You Don’t Build Resilience. You Earn It.

On Suffering, Military Spouse Callouses, and the Kind of Hope That Lasts

I recently sat around a table with six other senior Army spouses at a conference. Between us, we had almost 200 years of military family experience. Two full centuries of packing up kitchens, memorizing rank structures, sitting through pre-deployment briefings, and attending more memorial services than any of us care to count.

We were all newly married when the U.S. launched the Global War on Terror. We learned to single parent between our first duty station and our first goodbye. We became seasoned spouses as that war ended and new conflicts began.

And yet—there we were at the table together.

Still bought into the mission. Still serving in our own quiet ways. Amazingly, still married to our service members. If the Army needed a stock photo for “military family grit,” we were the perfect models.

But then one of these battle-tested friends leaned forward between workshop sessions and said, very calmly, “If one more person tells me to build resiliency, I’m going to put my head through this wall.”

Everyone at the table laughed hard and nodded in agreement.

Because if there is one word a military spouse who’s been around longer than five minutes cannot stand, it’s resiliency.

Which is ironic, because I’ve been asked to give three talks to military leaders and their spouses in the coming months—every single one with “resiliency” in the title. At this point it’s no longer just a buzzword. It has become a military lifestyle description. A character trait that we are expected to cultivate in ourselves and those we are called to lead.

And here’s the truth we don’t always say out loud: we don’t hate the word because we’re opposed to resilience. We hate it because we know what it actually costs.

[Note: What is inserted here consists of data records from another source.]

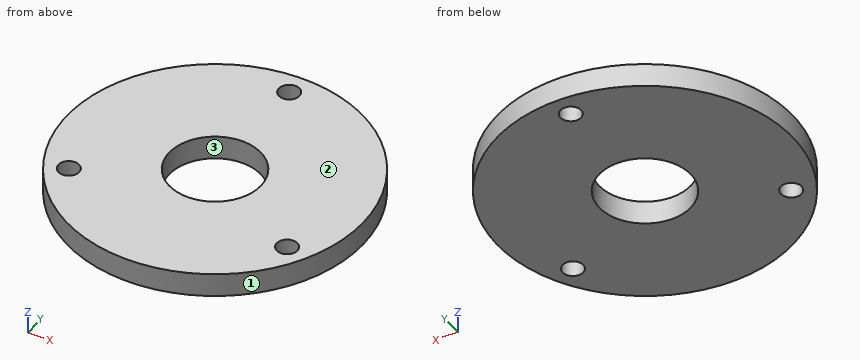
from build123d import *

# Parameters (mm, degrees)
SKETCH1_R           = 50
SKETCH1_R_2         = 3.5
SKETCH1_R_3         = 15.5
BOSS_EXTRUDE1_DEPTH = 8


with BuildPart() as part:
    # Sketch1 → Boss-Extrude1 (new body)
    with BuildSketch(Plane.XY):
        Circle(SKETCH1_R)
        with Locations((0, 42.5)):
            Circle(SKETCH1_R_2, mode=Mode.SUBTRACT)
        with Locations((-36.806079661, -21.25)):
            Circle(SKETCH1_R_2, mode=Mode.SUBTRACT)
        with Locations((36.806079661, -21.25)):
            Circle(SKETCH1_R_2, mode=Mode.SUBTRACT)
        Circle(SKETCH1_R_3, mode=Mode.SUBTRACT)
    extrude(amount=BOSS_EXTRUDE1_DEPTH)


solid = part.part
Can you work these out from the model? Positions are in its coordinate system, mm. Face numbers are marked on the shaded views. Give positions to 0.01 mm unless a question says otherwise; leave off trailing zeros. Order: outer loops, then holes, each group sorted by start corner. A loop starts at its lowest first (then second) coordinate and runs counter-clockwise, first axis right, second up. Notation, with made-up numbers: M 31.5,62 L 83.5,62 A18 cw 83.5,77 Z; hole C -39.5,57.25 d9. An arc over 180 degrees is marked long. One line per item, written item: value.
Item 1: If we section it at D-D on y = -21.25: Write out the boundary of the cut face in (x, z).
Verdict:
outline: M -45.26,0 L -40.31,0 L -40.31,8 L -45.26,8 Z; M -33.31,0 L 33.31,0 L 33.31,8 L -33.31,8 Z; M 40.31,0 L 45.26,0 L 45.26,8 L 40.31,8 Z
Item 2: If we section it at A-A on x = 0: Write out the boundary of the cut face in (y, z).
Verdict:
outline: M -50,0 L -15.5,0 L -15.5,8 L -50,8 Z; M 15.5,0 L 39,0 L 39,8 L 15.5,8 Z; M 46,0 L 50,0 L 50,8 L 46,8 Z
Item 3: If we section it at C-C on x = 36: Write out the boundary of the cut face in (y, z).
Verdict:
outline: M -34.7,0 L -24.66,0 L -24.66,8 L -34.7,8 Z; M -17.84,0 L 34.7,0 L 34.7,8 L -17.84,8 Z
Item 4: For pin 1 (2 mm diameter, centred on x = -13, z = 4.5, fed in from -Y); pin 2 (1 mm diameter, centred on x = 34.5, z = 1.5, fed in from +Y); pin 3 (4 mm diameter, centred on y = -27.5, z = 7, fed in from +X), each with a flat end and sliding along its axis, tell me the tip position at first contact or that it passes through.
Verdict:
pin 1: y = -48.54
pin 2: y = 36.66
pin 3: x = 43.01
Item 5: If we section it at B-B on y = 0: Write out the boundary of the cut face in (x, z), and give its area (3 significant figures).
Verdict:
outline: M -50,0 L -15.5,0 L -15.5,8 L -50,8 Z; M 15.5,0 L 50,0 L 50,8 L 15.5,8 Z
area: 552 mm2
Item 6: If we mould it in two halves opening along Y, with no side actions, what happens to the marked faces 1, 2 and 3? For each: pulls with the +Y half, pulls with the -Y half, needs draft (parallel to the pull), parting line crosses it, or undercut.
Verdict:
face 1: parting line crosses it
face 2: needs draft
face 3: undercut
Item 7: Please list where these lines run through material, in increasing order: line 1 (Y direction, x = 0, z = 2.75); line 2 (X direction, y = -21.5, z = 4); line 3 (X direction, y = -6, z = 4).
Verdict:
line 1: -50 to -15.5, 15.5 to 39, 46 to 50
line 2: -45.14 to -40.3, -33.32 to 33.32, 40.3 to 45.14
line 3: -49.64 to -14.29, 14.29 to 49.64

Resilience is not a skill you learn in a workshop. It’s not a certificate you earn after completing a online course. There are not enough retreats, roundtables, or inspirational slide decks in the world to produce real, bone-deep resilience.

It’s like childbirth. You can read What to Expect When You’re Expecting until the book falls apart. You can highlight all the pages. You can practice your breathing. But until you are in the throes of labor—when your body is doing something both miraculous and very alarming—you don’t actually understand.

Resilience works the same way.

Our leaders tell us to build it. They bring in speakers (like me!), counselors, family advocates, and enough laminated resources to wallpaper the Pentagon. We are taught communication strategies, coping skills, contingency plans. And hear me clearly: those things matter. They are good. They are wise.

But they do not build resilience.

They prepare us to endure.

And words matter.

Preparation strengthens the beams of the house. It checks the foundation. It stocks the pantry before the storm. But resilience? Resilience is what is forged when the storm actually hits—and you are relieved the roof held.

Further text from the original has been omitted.